Contrasting effect of elevated atmospheric CO2 on the C/N ratio of faba bean and spring wheat residues exert only minor changes in the abundance and enzyme activities of soil proteolytic bacteria

- Both proteolytic genes revealed an inconsistent response to the residue types.
- No relationship between activity potentials and gene abundance was found.
- This implied the presence of inactive proteolytic populations in studied soils.
- A likely functional redundancy among proteolytic genes was noticed.

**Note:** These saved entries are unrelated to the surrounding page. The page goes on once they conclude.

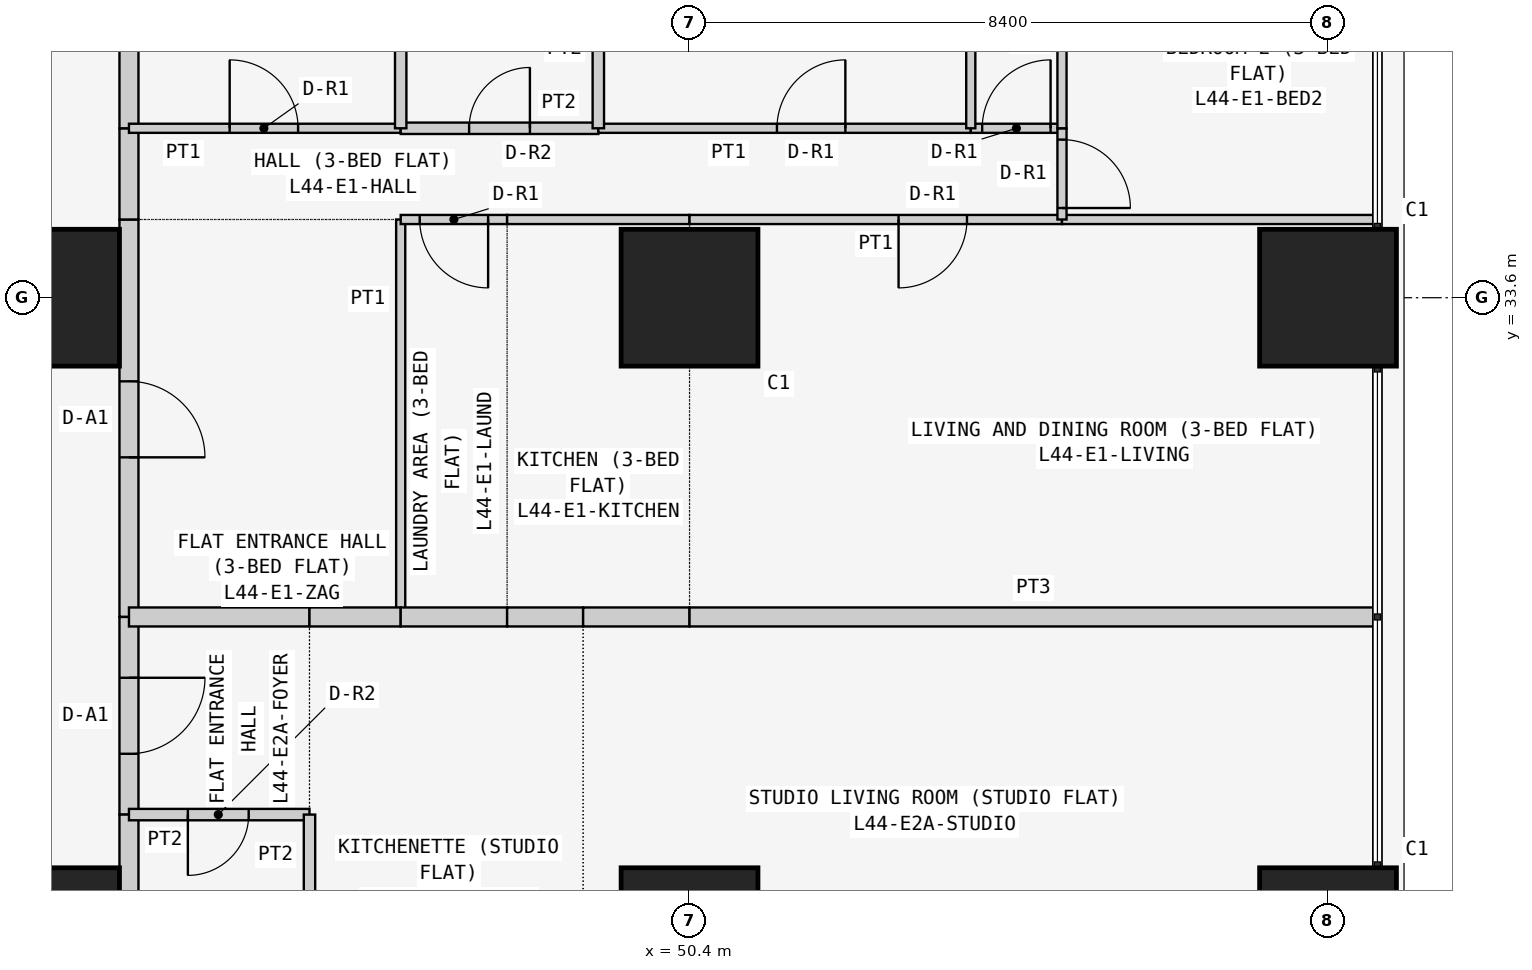
"""IFC4 building model, lengths in metres.
Left out: names, types, materials, properties, quantities, classifications, styles, units other than length and angle.
Written with IfcOpenShell. Run it as: python <this file> out.ifc"""

import sys

from ifc_helpers import new_model, si_unit, direction, frame, frame_2d, origin, origin_2d, place, context, subcontext, project, spatial, rectangle, extrude, element, fill, save


model = new_model("IFC4")
c1 = context("Model", 3, precision=1e-05, world=origin(), true_north=direction((0.0, 1.0)))
c2 = subcontext(c1, "Body", "Model", "MODEL_VIEW")
j1 = project(units=[si_unit("LENGTHUNIT", "METRE"), si_unit("PLANEANGLEUNIT", "RADIAN")], contexts=[c1])
p1 = place(None, origin())
s1 = spatial("IfcSite", under=j1, at=p1, CompositionType="ELEMENT")
p2 = place(p1, origin())
s2 = spatial("IfcBuilding", under=s1, at=p2, CompositionType="ELEMENT")
p3 = place(p2, frame((0.0, 0.0, 170.1)))
s3 = spatial("IfcBuildingStorey", under=s2, at=p3, CompositionType="ELEMENT", Elevation=170.1)
for number, where, z_axis, x_axis in (
    (1, (42.0, 25.2, 0.0), (0.0, 0.0, 1.0), (1.0, 0.0, 0.0)),
    (2, (42.0, 33.6, 0.0), (0.0, 0.0, 1.0), (1.0, 0.0, 0.0)),
    (3, (50.4, 25.2, 0.0), (0.0, 0.0, 1.0), (1.0, 0.0, 0.0)),
    (4, (50.4, 33.6, 0.0), (0.0, 0.0, 1.0), (1.0, 0.0, 0.0)),
    (5, (58.8, 25.2, 0.0), (0.0, 0.0, 1.0), (1.0, 0.0, 0.0)),
    (6, (58.8, 33.6, 0.0), (0.0, 0.0, 1.0), (1.0, 0.0, 0.0)),
):
    element("IfcColumn", number, at=place(p3, frame(where, z_axis=z_axis, x_axis=x_axis)), inside=s3, PredefinedType="COLUMN", context=c2, shape_type="SweptSolid", body=[
        extrude(rectangle(XDim=1.8, YDim=1.8, at=origin_2d()), origin(), (0.0, 0.0, 1.0), 3.6),
    ])
p4 = place(p3, frame((43.025, 34.629, 0.0), z_axis=(0.0, 0.0, 1.0), x_axis=(0.0, -1.0, 0.0)))
e7 = element("IfcWall", 7, at=p4, inside=s3, PredefinedType="PARTITIONING", context=c2, shape_type="SweptSolid", body=[
    extrude(rectangle(XDim=5.229, YDim=0.25, at=frame_2d((2.615, 0.0))), origin(), (0.0, 0.0, 1.0), 3.45),
])
p5 = place(p4, frame((2.129, 0.0, 0.0)))
e8 = element("IfcOpeningElement", 8, at=p5, cuts=e7, PredefinedType="OPENING", context=c2, shape_type="SweptSolid", body=[
    extrude(rectangle(XDim=1.0, YDim=2.1, at=frame_2d((0.5, 1.05))), frame((0.0, 0.135, 0.0), z_axis=(0.0, -1.0, 0.0), x_axis=(1.0, 0.0, 0.0)), (0.0, 0.0, 1.0), 0.27),
])
p6 = place(p3, frame((43.025, 35.829, 0.0), z_axis=(0.0, 0.0, 1.0), x_axis=(0.0, -1.0, 0.0)))
e9 = element("IfcWall", 9, at=p6, inside=s3, PredefinedType="PARTITIONING", context=c2, shape_type="SweptSolid", body=[
    extrude(rectangle(XDim=1.2, YDim=0.25, at=frame_2d((0.6, 0.0))), origin(), (0.0, 0.0, 1.0), 3.45),
])
p7 = place(p3, frame((43.025, 42.7, 0.0), z_axis=(0.0, 0.0, 1.0), x_axis=(0.0, -1.0, 0.0)))
e10 = element("IfcWall", 10, at=p7, inside=s3, PredefinedType="PARTITIONING", context=c2, shape_type="SweptSolid", body=[
    extrude(rectangle(XDim=6.871, YDim=0.25, at=frame_2d((3.436, 0.0))), origin(), (0.0, 0.0, 1.0), 3.45),
])
p8 = place(p3, frame((43.025, 29.4, 0.0), z_axis=(0.0, 0.0, 1.0), x_axis=(0.0, -1.0, 0.0)))
e11 = element("IfcWall", 11, at=p8, inside=s3, PredefinedType="PARTITIONING", context=c2, shape_type="SweptSolid", body=[
    extrude(rectangle(XDim=2.6, YDim=0.25, at=frame_2d((1.3, 0.0))), origin(), (0.0, 0.0, 1.0), 3.45),
])
p9 = place(p8, frame((0.8, 0.0, 0.0)))
e12 = element("IfcOpeningElement", 12, at=p9, cuts=e11, PredefinedType="OPENING", context=c2, shape_type="SweptSolid", body=[
    extrude(rectangle(XDim=1.0, YDim=2.1, at=frame_2d((0.5, 1.05))), frame((0.0, 0.135, 0.0), z_axis=(0.0, -1.0, 0.0), x_axis=(1.0, 0.0, 0.0)), (0.0, 0.0, 1.0), 0.27),
])
p10 = place(p3, frame((43.025, 26.8, 0.0), z_axis=(0.0, 0.0, 1.0), x_axis=(0.0, -1.0, 0.0)))
e13 = element("IfcWall", 13, at=p10, inside=s3, PredefinedType="PARTITIONING", context=c2, shape_type="SweptSolid", body=[
    extrude(rectangle(XDim=2.629, YDim=0.25, at=frame_2d((1.314, 0.0))), origin(), (0.0, 0.0, 1.0), 3.45),
])
p11 = place(p3, frame((46.6, 29.4, 0.0), z_axis=(0.0, 0.0, 1.0), x_axis=(0.0, 1.0, 0.0)))
e14 = element("IfcWall", 14, at=p11, inside=s3, PredefinedType="PARTITIONING", context=c2, shape_type="SweptSolid", body=[
    extrude(rectangle(XDim=5.229, YDim=0.12, at=frame_2d((2.615, 0.0))), origin(), (0.0, 0.0, 1.0), 3.45),
])
p12 = place(p3, frame((43.025, 29.4, 0.0), z_axis=(0.0, 0.0, 1.0), x_axis=(1.0, 0.0, 0.0)))
e15 = element("IfcWall", 15, at=p12, inside=s3, PredefinedType="PARTITIONING", context=c2, shape_type="SweptSolid", body=[
    extrude(rectangle(XDim=2.375, YDim=0.25, at=frame_2d((1.188, 0.0))), origin(), (0.0, 0.0, 1.0), 3.45),
])
p13 = place(p3, frame((45.4, 29.4, 0.0), z_axis=(0.0, 0.0, 1.0), x_axis=(1.0, 0.0, 0.0)))
e16 = element("IfcWall", 16, at=p13, inside=s3, PredefinedType="PARTITIONING", context=c2, shape_type="SweptSolid", body=[
    extrude(rectangle(XDim=1.2, YDim=0.25, at=frame_2d((0.6, 0.0))), origin(), (0.0, 0.0, 1.0), 3.45),
])
p14 = place(p3, frame((48.0, 34.629, 0.0), z_axis=(0.0, 0.0, 1.0), x_axis=(-1.0, 0.0, 0.0)))
e17 = element("IfcWall", 17, at=p14, inside=s3, PredefinedType="PARTITIONING", context=c2, shape_type="SweptSolid", body=[
    extrude(rectangle(XDim=1.4, YDim=0.12, at=frame_2d((0.7, 0.0))), origin(), (0.0, 0.0, 1.0), 3.45),
])
p15 = place(p14, frame((0.25, 0.0, 0.0)))
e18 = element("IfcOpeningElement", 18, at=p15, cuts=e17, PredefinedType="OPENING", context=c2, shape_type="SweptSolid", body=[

Our primary objective was to follow the effects of altered C/N ratios of two residue materials on the abundance and potential activities of soil proteolytic bacteria during the initial stages of decomposition of organic residue derived nitrogen (N), taking into account the explicit physiological responses of spring wheat (SW; increase of C/N ratio) and faba bean (FB; decrease of C/N ratio) to elevated carbon dioxide (CO2) exposure. FB and SW residues were obtained from a Mini-FACE experiment (ambient (380 μl l−1) CO2:C/N ratio FB: 100:1; SW: 75:1), elevated (550 μl l−1) CO2 (FB: 42:1; SW: 105:1)) and incubated in a stagnic luvisol (Ap-horizon, 0-10 cm). Soil samples were obtained at 7, 14, 28, and 56 days of incubation and measured for potential activities of thermolysin-like neutral metalloproteases and alanyl-aminopeptidases as well as abundances of corresponding genes (i.e., neutral metalloproteases (npr) and alanine aminopeptidases (pepN)). It was our major finding that distinct C/N ratios revealed only minor and inconsistent effects on gene abundances and potential enzyme activities. There was no relationship between activity potentials of both enzymes and abundances of corresponding genes implying the presence of inactive proteolytic bacteria. Moreover, a likely functional redundancy among proteolytic genes was noticed as explained by the omnipresence of Firmicutes (i.e., npr gene) as well as α- and β-proteobacteria (i.e., pepN gene) in studied soils. It was concluded that for prospective research, a greater variety of organic residue types from crops cultivated under elevated CO2 with their individual biochemical characteristics should be considered to get a closer understanding of the ecological significance and complex dynamics of hitherto largely overlooked proteolytic bacteria in agricultural ecosystems.